When a Customer terminates a paid subscription to Enterprise Grid, if a Customer does not otherwise elect to delete its account, Exploo will, within 90 days following the subscription termination, delete, and ensure that all of its Affiliates and applicable third-party hosting providers delete, all copies of Customer Data (excluding team names, and search terms embedded in URLs in web server access logs) within 14 days after Exploo has initiated deletion of the Customer's account. When a customer terminates any paid subscription to the Exploo services other than Enterprise Grid, the customer’s subscription will continue under the free usage tier for the Exploo services subject to the then-current online Customer Terms of Service or other main online subscription agreement applicable to such free usage tier (‘Free Subscription Terms’), and the Customer Data will not be deleted until (i) the Customer self-deletes the workspace, (ii) the Customer otherwise instructs Exploo to delete their Customer Data or (iii) either party terminates the Free Subscription Terms. Upon the occurrence of such events, Exploo shall, within 14 days, delete, and ensure that all of its Affiliates and the permitted third party hosting providers delete, all copies of Customer Data (excluding team names, and search terms embedded in URLs in web server access logs).
Confidentiality
We place strict controls over our employees’ access to Customer Data. The operation of the Exploo services requires that some employees have access to the systems which store and process Customer Data. For example, in order to diagnose a problem that you are having with the Exploo services, we may need to access your Customer Data. These employees are prohibited from using these permissions to view Customer Data unless it is necessary to do so. We have technical controls and audit policies in place to ensure that any access to Customer Data is logged.
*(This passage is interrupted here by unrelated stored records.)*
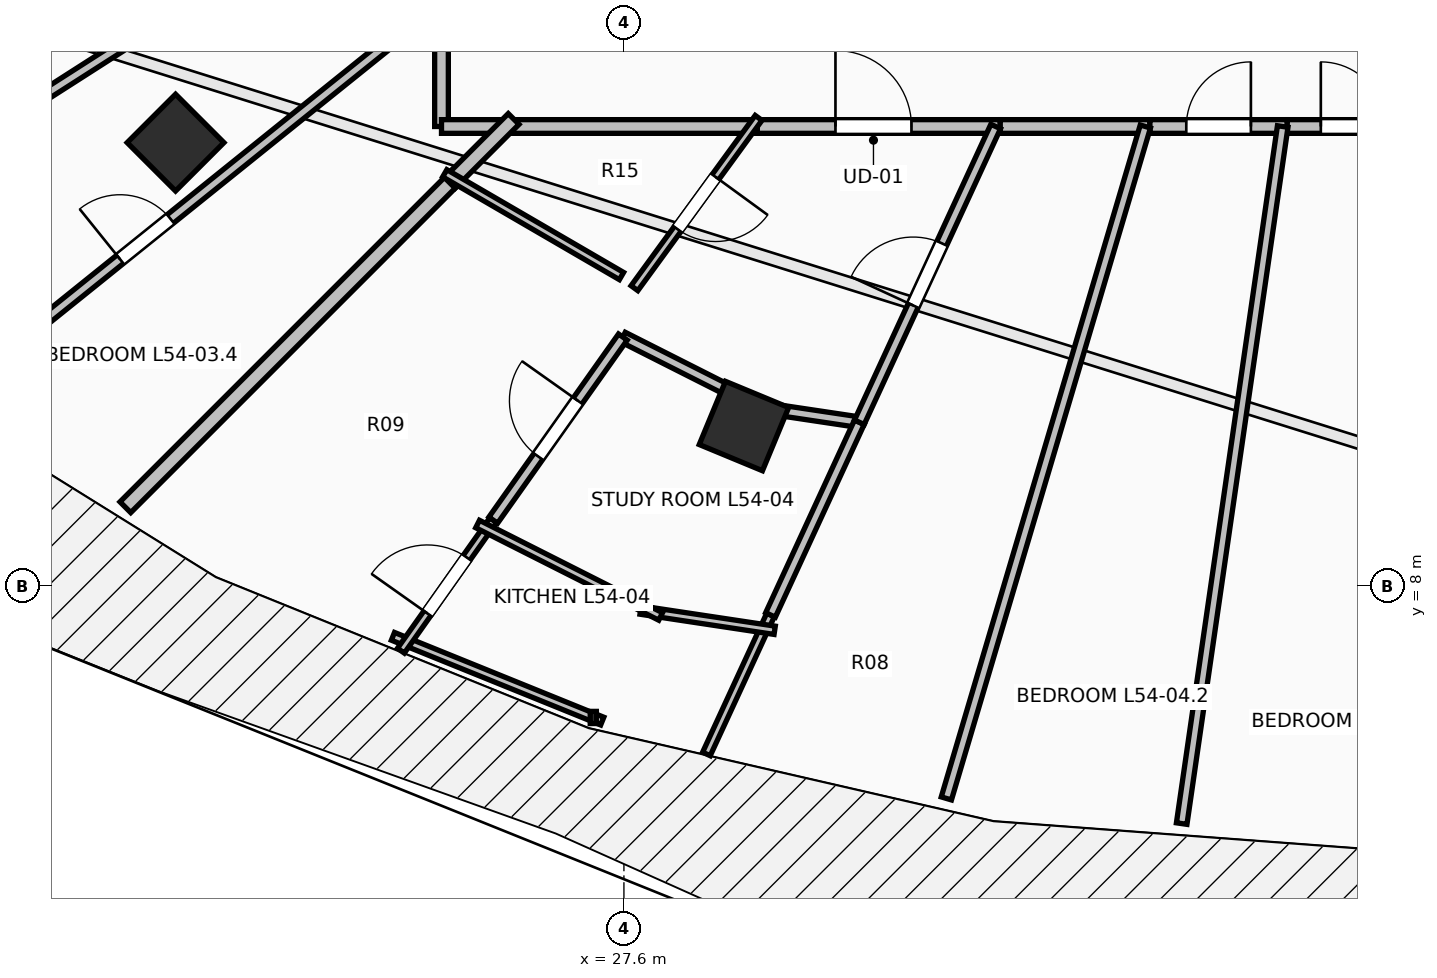
"""IFC4 building model, lengths in metres.
Left out: names, types, materials, properties, quantities, classifications, styles, units other than length and angle.
Written with IfcOpenShell. Run it as: python <this file> out.ifc"""

import sys

from ifc_helpers import new_model, si_unit, direction, frame, frame_2d, origin, origin_2d, place, context, subcontext, project, spatial, rectangle, extrude, element, fill, save


model = new_model("IFC4")
c1 = context("Model", 3, precision=1e-05, world=origin(), true_north=direction((0.0, 1.0)))
c2 = subcontext(c1, "Body", "Model", "MODEL_VIEW")
j1 = project(units=[si_unit("LENGTHUNIT", "METRE"), si_unit("PLANEANGLEUNIT", "RADIAN")], contexts=[c1])
p1 = place(None, origin())
s1 = spatial("IfcSite", under=j1, at=p1, CompositionType="ELEMENT")
p2 = place(p1, origin())
s2 = spatial("IfcBuilding", under=s1, at=p2, CompositionType="ELEMENT")
p3 = place(p2, frame((0.0, 0.0, 200.1)))
s3 = spatial("IfcBuildingStorey", under=s2, at=p3, CompositionType="ELEMENT", Elevation=200.1)
for number, where, z_axis, x_axis in (
    (1, (21.701, 13.838, 0.0), (0.0, 0.0, 1.0), (-0.707, -0.707, 0.0)),
    (2, (29.179, 10.109, 0.0), (0.0, 0.0, 1.0), (-0.383, -0.924, 0.0)),
):
    element("IfcColumn", number, at=place(p3, frame(where, z_axis=z_axis, x_axis=x_axis)), inside=s3, PredefinedType="COLUMN", context=c2, shape_type="SweptSolid", body=[
        extrude(rectangle(XDim=0.9, YDim=0.9, at=origin_2d()), origin(), (0.0, 0.0, 1.0), 3.55),
    ])
p4 = place(p3, frame((25.2, 15.627, 0.0), z_axis=(0.0, 0.0, 1.0), x_axis=(0.0, -1.0, 0.0)))
e3 = element("IfcWall", 3, at=p4, inside=s3, PredefinedType="PARTITIONING", context=c2, shape_type="SweptSolid", body=[
    extrude(rectangle(XDim=1.577, YDim=0.18, at=frame_2d((0.789, 0.0))), origin(), (0.0, 0.0, 1.0), 2.482),
])
p5 = place(p3, frame((25.2, 14.05, 0.0), z_axis=(0.0, 0.0, 1.0), x_axis=(1.0, 0.0, 0.0)))
e4 = element("IfcWall", 4, at=p5, inside=s3, PredefinedType="PARTITIONING", context=c2, shape_type="SweptSolid", body=[
    extrude(rectangle(XDim=0.91, YDim=0.18, at=frame_2d((0.455, 0.0))), origin(), (0.0, 0.0, 1.0), 3.022),
])
p6 = place(p3, frame((29.215, 14.05, 0.0), z_axis=(0.0, 0.0, 1.0), x_axis=(1.0, 0.0, 0.0)))
e5 = element("IfcWall", 5, at=p6, inside=s3, PredefinedType="PARTITIONING", context=c2, shape_type="SweptSolid", body=[
    extrude(rectangle(XDim=3.336, YDim=0.18, at=frame_2d((1.668, 0.0))), origin(), (0.0, 0.0, 1.0), 2.936),
])
p7 = place(p6, frame((1.168, 0.0, 0.0)))
e6 = element("IfcOpeningElement", 6, at=p7, cuts=e5, PredefinedType="OPENING", context=c2, shape_type="SweptSolid", body=[
    extrude(rectangle(XDim=1.0, YDim=2.15, at=frame_2d((0.5, 1.075))), frame((0.0, 0.105, 0.0), z_axis=(0.0, -1.0, 0.0), x_axis=(1.0, 0.0, 0.0)), (0.0, 0.0, 1.0), 0.21),
])
p8 = place(p3, frame((25.97, 14.05, 0.0), z_axis=(0.0, 0.0, 1.0), x_axis=(1.0, 0.0, 0.0)))
e7 = element("IfcWall", 7, at=p8, inside=s3, PredefinedType="PARTITIONING", context=c2, shape_type="SweptSolid", body=[
    extrude(rectangle(XDim=3.385, YDim=0.18, at=frame_2d((1.692, 0.0))), origin(), (0.0, 0.0, 1.0), 2.482),
])
p9 = place(p3, frame((32.551, 14.05, 0.0), z_axis=(0.0, 0.0, 1.0), x_axis=(1.0, 0.0, 0.0)))
e8 = element("IfcWall", 8, at=p9, inside=s3, PredefinedType="PARTITIONING", context=c2, shape_type="SweptSolid", body=[
    extrude(rectangle(XDim=1.969, YDim=0.18, at=frame_2d((0.984, 0.0))), origin(), (0.0, 0.0, 1.0), 2.936),
])
p10 = place(p3, frame((34.52, 14.05, 0.0), z_axis=(0.0, 0.0, 1.0), x_axis=(1.0, 0.0, 0.0)))
e9 = element("IfcWall", 9, at=p10, inside=s3, PredefinedType="PARTITIONING", context=c2, shape_type="SweptSolid", body=[
    extrude(rectangle(XDim=1.807, YDim=0.18, at=frame_2d((0.903, 0.0))), origin(), (0.0, 0.0, 1.0), 2.936),
])
p11 = place(p10, frame((0.479, 0.0, 0.0)))
e10 = element("IfcOpeningElement", 10, at=p11, cuts=e9, PredefinedType="OPENING", context=c2, shape_type="SweptSolid", body=[
    extrude(rectangle(XDim=0.85, YDim=2.1, at=frame_2d((0.425, 1.05))), frame((0.0, 0.105, 0.0), z_axis=(0.0, -1.0, 0.0), x_axis=(1.0, 0.0, 0.0)), (0.0, 0.0, 1.0), 0.21),
])
p12 = place(p3, frame((36.327, 14.05, 0.0), z_axis=(0.0, 0.0, 1.0), x_axis=(1.0, 0.0, 0.0)))
e11 = element("IfcWall", 11, at=p12, inside=s3, PredefinedType="PARTITIONING", context=c2, shape_type="SweptSolid", body=[
    extrude(rectangle(XDim=1.733, YDim=0.18, at=frame_2d((0.867, 0.0))), origin(), (0.0, 0.0, 1.0), 2.936),
])
p13 = place(p12, frame((0.441, 0.0, 0.0)))
e12 = element("IfcOpeningElement", 12, at=p13, cuts=e11, PredefinedType="OPENING", context=c2, shape_type="SweptSolid", body=[
    extrude(rectangle(XDim=0.85, YDim=2.1, at=frame_2d((0.425, 1.05))), frame((0.0, 0.105, 0.0), z_axis=(0.0, -1.0, 0.0), x_axis=(1.0, 0.0, 0.0)), (0.0, 0.0, 1.0), 0.21),
])
p14 = place(p3, frame((14.428, 14.28, 0.0), z_axis=(0.0, 0.0, 1.0), x_axis=(0.895423439435, 0.44521552546, 0.0)))
e13 = element("IfcWall", 13, at=p14, inside=s3, PredefinedType="PARTITIONING", context=c2, shape_type="SweptSolid", body=[
    extrude(rectangle(XDim=12.03, YDim=0.14, at=frame_2d((6.015, 0.0))), origin(), (0.0, 0.0, 1.0), 2.482),
])
p15 = place(p3, frame((16.555, 12.272, 0.0), z_axis=(0.0, 0.0, 1.0), x_axis=(0.842221721565, 0.539131312135, 0.0)))
e14 = element("IfcWall", 14, at=p15, inside=s3, PredefinedType="PARTITIONING", context=c2, shape_type="SweptSolid", body=[
    extrude(rectangle(XDim=10.265, YDim=0.14, at=frame_2d((5.132, 0.0))), origin(), (0.0, 0.0, 1.0), 2.482),
])
p16 = place(p3, frame((18.715, 10.487, 0.0), z_axis=(0.0, 0.0, 1.0), x_axis=(0.779157389419, 0.626828335762, 0.0)))
e15 = element("IfcWall", 15, at=p16, inside=s3, PredefinedType="PARTITIONING", context=c2, shape_type="SweptSolid", body=[
    extrude(rectangle(XDim=8.323, YDim=0.14, at=frame_2d((4.162, 0.0))), origin(), (0.0, 0.0, 1.0), 2.482),
])
p17 = place(p16, frame((2.896, 0.0, 0.0)))
e16 = element("IfcOpeningElement", 16, at=p17, cuts=e15, PredefinedType="OPENING", context=c2, shape_type="SweptSolid", body=[
    extrude(rectangle(XDim=0.85, YDim=2.1, at=frame_2d((0.425, 1.05))), frame((0.0, 0.085, 0.0), z_axis=(0.0, -1.0, 0.0), x_axis=(1.0, 0.0, 0.0)), (0.0, 0.0, 1.0), 0.17),
])
p18 = place(p3, frame((21.041, 9.041, 0.0), z_axis=(0.0, 0.0, 1.0), x_axis=(0.707106781187, 0.707106781187, 0.0)))
e17 = element("IfcWall", 17, at=p18, inside=s3, PredefinedType="PARTITIONING", context=c2, shape_type="SweptSolid", body=[
    extrude(rectangle(XDim=6.176, YDim=0.2, at=frame_2d((3.088, 0.0))), origin(), (0.0, 0.0, 1.0), 2.824),
])
p19 = place(p3, frame((25.309, 13.309, 0.0), z_axis=(0.0, 0.0, 1.0), x_axis=(0.707106781187, 0.707106781187, 0.0)))
e18 = element("IfcWall", 18, at=p19, inside=s3, PredefinedType="PARTITIONING", context=c2, shape_type="SweptSolid", body=[
    extrude(rectangle(XDim=1.188, YDim=0.2, at=frame_2d((0.594, 0.0))), origin(), (0.0, 0.0, 1.0), 3.022),
])
p20 = place(p3, frame((29.372, 14.163, 0.0), z_axis=(0.0, 0.0, 1.0), x_axis=(-0.589066743954, -0.808084383693, 0.0)))
e19 = element("IfcWall", 19, at=p20, inside=s3, PredefinedType="PARTITIONING", context=c2, shape_type="SweptSolid", body=[
    extrude(rectangle(XDim=2.772, YDim=0.11, at=frame_2d((1.386, 0.0))), origin(), (0.0, 0.0, 1.0), 2.482),
])
p21 = place(p20, frame((0.961, 0.0, 0.0)))
e20 = element("IfcOpeningElement", 20, at=p21, cuts=e19, PredefinedType="OPENING", context=c2, shape_type="SweptSolid", body=[
    extrude(rectangle(XDim=0.85, YDim=2.1, at=frame_2d((0.425, 1.05))), frame((0.0, 0.07, 0.0), z_axis=(0.0, -1.0, 0.0), x_axis=(1.0, 0.0, 0.0)), (0.0, 0.0, 1.0), 0.14),
])
p22 = place(p3, frame((27.568, 12.083, 0.0), z_axis=(0.0, 0.0, 1.0), x_axis=(-0.864515441931, 0.502606258082, 0.0)))
e21 = element("IfcWall", 21, at=p22, inside=s3, PredefinedType="PARTITIONING", context=c2, shape_type="SweptSolid", body=[
    extrude(rectangle(XDim=2.69, YDim=0.11, at=frame_2d((1.345, 0.0))), origin(), (0.0, 0.0, 1.0), 3.29),
])
p23 = place(p3, frame((29.529, 7.624, 0.0), z_axis=(0.0, 0.0, 1.0), x_axis=(-0.418673802252, -0.908136689771, 0.0)))
e22 = element("IfcWall", 22, at=p23, inside=s3, PredefinedType="PARTITIONING", context=c2, shape_type="SweptSolid", body=[
    extrude(rectangle(XDim=2.014, YDim=0.11, at=frame_2d((1.007, 0.0))), origin(), (0.0, 0.0, 1.0), 3.29),
])
p24 = place(p3, frame((24.561, 7.343, 0.0), z_axis=(0.0, 0.0, 1.0), x_axis=(0.926858319785, -0.375411314487, 0.0)))
e23 = element("IfcWall", 23, at=p24, inside=s3, PredefinedType="PARTITIONING", context=c2, shape_type="SweptSolid", body=[
    extrude(rectangle(XDim=2.971, YDim=0.11, at=frame_2d((1.485, 0.0))), origin(), (0.0, 0.0, 1.0), 3.29),
])
p25 = place(p3, frame((24.666, 7.154, 0.0), z_axis=(0.0, 0.0, 1.0), x_axis=(0.577389248155, 0.816469017241, 0.0)))
e24 = element("IfcWall", 24, at=p25, inside=s3, PredefinedType="PARTITIONING", context=c2, shape_type="SweptSolid", body=[
    extrude(rectangle(XDim=2.104, YDim=0.11, at=frame_2d((1.052, 0.0))), origin(), (0.0, 0.0, 1.0), 3.29),
])
p26 = place(p25, frame((0.602, 0.0, 0.0)))
e25 = element("IfcOpeningElement", 25, at=p26, cuts=e24, PredefinedType="OPENING", context=c2, shape_type="SweptSolid", body=[
    extrude(rectangle(XDim=0.9, YDim=2.1, at=frame_2d((0.45, 1.05))), frame((0.0, 0.07, 0.0), z_axis=(0.0, -1.0, 0.0), x_axis=(1.0, 0.0, 0.0)), (0.0, 0.0, 1.0), 0.14),
])
p27 = place(p3, frame((27.586, 11.28, 0.0), z_axis=(0.0, 0.0, 1.0), x_axis=(0.89250267167, -0.451042105643, 0.0)))
e26 = element("IfcWall", 26, at=p27, inside=s3, PredefinedType="PARTITIONING", context=c2, shape_type="SweptSolid", body=[
    extrude(rectangle(XDim=2.064, YDim=0.14, at=frame_2d((1.032, 0.0))), origin(), (0.0, 0.0, 1.0), 2.482),
])
p28 = place(p3, frame((29.428, 10.349, 0.0), z_axis=(0.0, 0.0, 1.0), x_axis=(0.988955881685, -0.148210202353, 0.0)))
e27 = element("IfcWall", 27, at=p28, inside=s3, PredefinedType="PARTITIONING", context=c2, shape_type="SweptSolid", body=[
    extrude(rectangle(XDim=1.283, YDim=0.14, at=frame_2d((0.642, 0.0))), origin(), (0.0, 0.0, 1.0), 3.29),
])
p29 = place(p3, frame((30.697, 10.159, 0.0), z_axis=(0.0, 0.0, 1.0), x_axis=(-0.41861439522, -0.908164075547, 0.0)))
e28 = element("IfcWall", 28, at=p29, inside=s3, PredefinedType="PARTITIONING", context=c2, shape_type="SweptSolid", body=[
    extrude(rectangle(XDim=2.791, YDim=0.14, at=frame_2d((1.396, 0.0))), origin(), (0.0, 0.0, 1.0), 2.824),
])
p30 = place(p3, frame((25.881, 8.871, 0.0), z_axis=(0.0, 0.0, 1.0), x_axis=(0.577734997211, 0.816224401128, 0.0)))
e29 = element("IfcWall", 29, at=p30, inside=s3, PredefinedType="PARTITIONING", context=c2, shape_type="SweptSolid", body=[
    extrude(rectangle(XDim=2.951, YDim=0.14, at=frame_2d((1.476, 0.0))), origin(), (0.0, 0.0, 1.0), 2.824),
])
p31 = place(p30, frame((1.026, 0.0, 0.0)))
e30 = element("IfcOpeningElement", 30, at=p31, cuts=e29, PredefinedType="OPENING", context=c2, shape_type="SweptSolid", body=[
    extrude(rectangle(XDim=0.9, YDim=2.1, at=frame_2d((0.45, 1.05))), frame((0.0, 0.085, 0.0), z_axis=(0.0, -1.0, 0.0), x_axis=(1.0, 0.0, 0.0)), (0.0, 0.0, 1.0), 0.17),
])
p32 = place(p3, frame((30.697, 10.159, 0.0), z_axis=(0.0, 0.0, 1.0), x_axis=(0.418635364892, 0.908154409372, 0.0)))
e31 = element("IfcWall", 31, at=p32, inside=s3, PredefinedType="PARTITIONING", context=c2, shape_type="SweptSolid", body=[
    extrude(rectangle(XDim=4.285, YDim=0.14, at=frame_2d((2.142, 0.0))), origin(), (0.0, 0.0, 1.0), 2.936),
])
p33 = place(p32, frame((1.692, 0.0, 0.0)))
e32 = element("IfcOpeningElement", 32, at=p33, cuts=e31, PredefinedType="OPENING", context=c2, shape_type="SweptSolid", body=[
    extrude(rectangle(XDim=0.9, YDim=2.1, at=frame_2d((0.45, 1.05))), frame((0.0, 0.085, 0.0), z_axis=(0.0, -1.0, 0.0), x_axis=(1.0, 0.0, 0.0)), (0.0, 0.0, 1.0), 0.17),
])
p34 = place(p3, frame((29.583, 7.422, 0.0), z_axis=(0.0, 0.0, 1.0), x_axis=(-0.988830695744, 0.149043131857, 0.0)))
e33 = element("IfcWall", 33, at=p34, inside=s3, PredefinedType="PARTITIONING", context=c2, shape_type="SweptSolid", body=[
    extrude(rectangle(XDim=1.784, YDim=0.11, at=frame_2d((0.892, 0.0))), origin(), (0.0, 0.0, 1.0), 3.29),
])
p35 = place(p3, frame((28.083, 7.604, 0.0), z_axis=(0.0, 0.0, 1.0), x_axis=(-0.892628057427, 0.450793911999, 0.0)))
e34 = element("IfcWall", 34, at=p35, inside=s3, PredefinedType="PARTITIONING", context=c2, shape_type="SweptSolid", body=[
    extrude(rectangle(XDim=2.698, YDim=0.11, at=frame_2d((1.349, 0.0))), origin(), (0.0, 0.0, 1.0), 3.29),
])
p36 = place(p3, frame((31.842, 5.21, 0.0), z_axis=(0.0, 0.0, 1.0), x_axis=(0.283952183478, 0.958838441813, 0.0)))
e35 = element("IfcWall", 35, at=p36, inside=s3, PredefinedType="PARTITIONING", context=c2, shape_type="SweptSolid", body=[
    extrude(rectangle(XDim=9.219, YDim=0.14, at=frame_2d((4.61, 0.0))), origin(), (0.0, 0.0, 1.0), 2.824),
])
p37 = place(p3, frame((34.938, 4.879, 0.0), z_axis=(0.0, 0.0, 1.0), x_axis=(0.143423836858, 0.989661357749, 0.0)))
e36 = element("IfcWall", 36, at=p37, inside=s3, PredefinedType="PARTITIONING", context=c2, shape_type="SweptSolid", body=[
    extrude(rectangle(XDim=9.267, YDim=0.14, at=frame_2d((4.633, 0.0))), origin(), (0.0, 0.0, 1.0), 2.824),
])
p38 = place(p7, origin())
e37 = element("IfcDoor", 37, at=p38, inside=s3, OperationType="SINGLE_SWING_LEFT", PredefinedType="DOOR", context=c2, shape_type="SweptSolid", body=[
    extrude(rectangle(XDim=1.0, YDim=2.15, at=frame_2d((0.5, 1.075))), frame((0.0, 0.025, 0.0), z_axis=(0.0, -1.0, 0.0), x_axis=(1.0, 0.0, 0.0)), (0.0, 0.0, 1.0), 0.05),
])
fill(e6, e37)
p39 = place(p21, origin())
e38 = element("IfcDoor", 38, at=p39, inside=s3, OperationType="SINGLE_SWING_LEFT", PredefinedType="DOOR", context=c2, shape_type="SweptSolid", body=[
    extrude(rectangle(XDim=0.85, YDim=2.1, at=frame_2d((0.425, 1.05))), frame((0.0, 0.025, 0.0), z_axis=(0.0, -1.0, 0.0), x_axis=(1.0, 0.0, 0.0)), (0.0, 0.0, 1.0), 0.05),
])
fill(e20, e38)
p40 = place(p26, origin())
e39 = element("IfcDoor", 39, at=p40, inside=s3, OperationType="SINGLE_SWING_LEFT", PredefinedType="DOOR", context=c2, shape_type="SweptSolid", body=[
    extrude(rectangle(XDim=0.9, YDim=2.1, at=frame_2d((0.45, 1.05))), frame((0.0, 0.025, 0.0), z_axis=(0.0, -1.0, 0.0), x_axis=(1.0, 0.0, 0.0)), (0.0, 0.0, 1.0), 0.05),
])
fill(e25, e39)
p41 = place(p31, origin())
e40 = element("IfcDoor", 40, at=p41, inside=s3, OperationType="SINGLE_SWING_RIGHT", PredefinedType="DOOR", context=c2, shape_type="SweptSolid", body=[
    extrude(rectangle(XDim=0.9, YDim=2.1, at=frame_2d((0.45, 1.05))), frame((0.0, 0.025, 0.0), z_axis=(0.0, -1.0, 0.0), x_axis=(1.0, 0.0, 0.0)), (0.0, 0.0, 1.0), 0.05),
])
fill(e30, e40)
p42 = place(p33, origin())
e41 = element("IfcDoor", 41, at=p42, inside=s3, OperationType="SINGLE_SWING_LEFT", PredefinedType="DOOR", context=c2, shape_type="SweptSolid", body=[
    extrude(rectangle(XDim=0.9, YDim=2.1, at=frame_2d((0.45, 1.05))), frame((0.0, 0.025, 0.0), z_axis=(0.0, -1.0, 0.0), x_axis=(1.0, 0.0, 0.0)), (0.0, 0.0, 1.0), 0.05),
])
fill(e32, e41)
p43 = place(p11, origin())
e42 = element("IfcDoor", 42, at=p43, inside=s3, OperationType="SINGLE_SWING_RIGHT", PredefinedType="DOOR", context=c2, shape_type="SweptSolid", body=[
    extrude(rectangle(XDim=0.85, YDim=2.1, at=frame_2d((0.425, 1.05))), frame((0.0, 0.025, 0.0), z_axis=(0.0, -1.0, 0.0), x_axis=(1.0, 0.0, 0.0)), (0.0, 0.0, 1.0), 0.05),
])
fill(e10, e42)
p44 = place(p13, origin())
e43 = element("IfcDoor", 43, at=p44, inside=s3, OperationType="SINGLE_SWING_LEFT", PredefinedType="DOOR", context=c2, shape_type="SweptSolid", body=[
    extrude(rectangle(XDim=0.85, YDim=2.1, at=frame_2d((0.425, 1.05))), frame((0.0, 0.025, 0.0), z_axis=(0.0, -1.0, 0.0), x_axis=(1.0, 0.0, 0.0)), (0.0, 0.0, 1.0), 0.05),
])
fill(e12, e43)
p45 = place(p17, origin())
e44 = element("IfcDoor", 44, at=p45, inside=s3, OperationType="SINGLE_SWING_LEFT", PredefinedType="DOOR", context=c2, shape_type="SweptSolid", body=[
    extrude(rectangle(XDim=0.85, YDim=2.1, at=frame_2d((0.425, 1.05))), frame((0.0, 0.025, 0.0), z_axis=(0.0, -1.0, 0.0), x_axis=(1.0, 0.0, 0.0)), (0.0, 0.0, 1.0), 0.05),
])
fill(e16, e44)
save(model, sys.argv[1])

All our employees and contract personnel are bound to our policies regarding Customer Data, and we treat these issues as matters of the highest importance within our company.
Personnel practices
Exploo conducts background checks on all employees before employment, and employees receive privacy and security training during onboarding as well as on an ongoing basis. All employees are required to read and sign our comprehensive information security policy covering the security, availability and confidentiality of the Exploo services.
Infrastructure
Exploo uses infrastructure provided by Amazon Web Services, Inc. (‘AWS’), DigitalOcean, MongoDB Inc. and Twilio/SendGrid to host or process Customer Data submitted to the Exploo services. Information about security provided by AWS is available from the AWS Security website. Information about security and privacy-related audits and certifications received by AWS, including information on ISO 27001 certification and SOC reports, is available from the AWS Compliance website.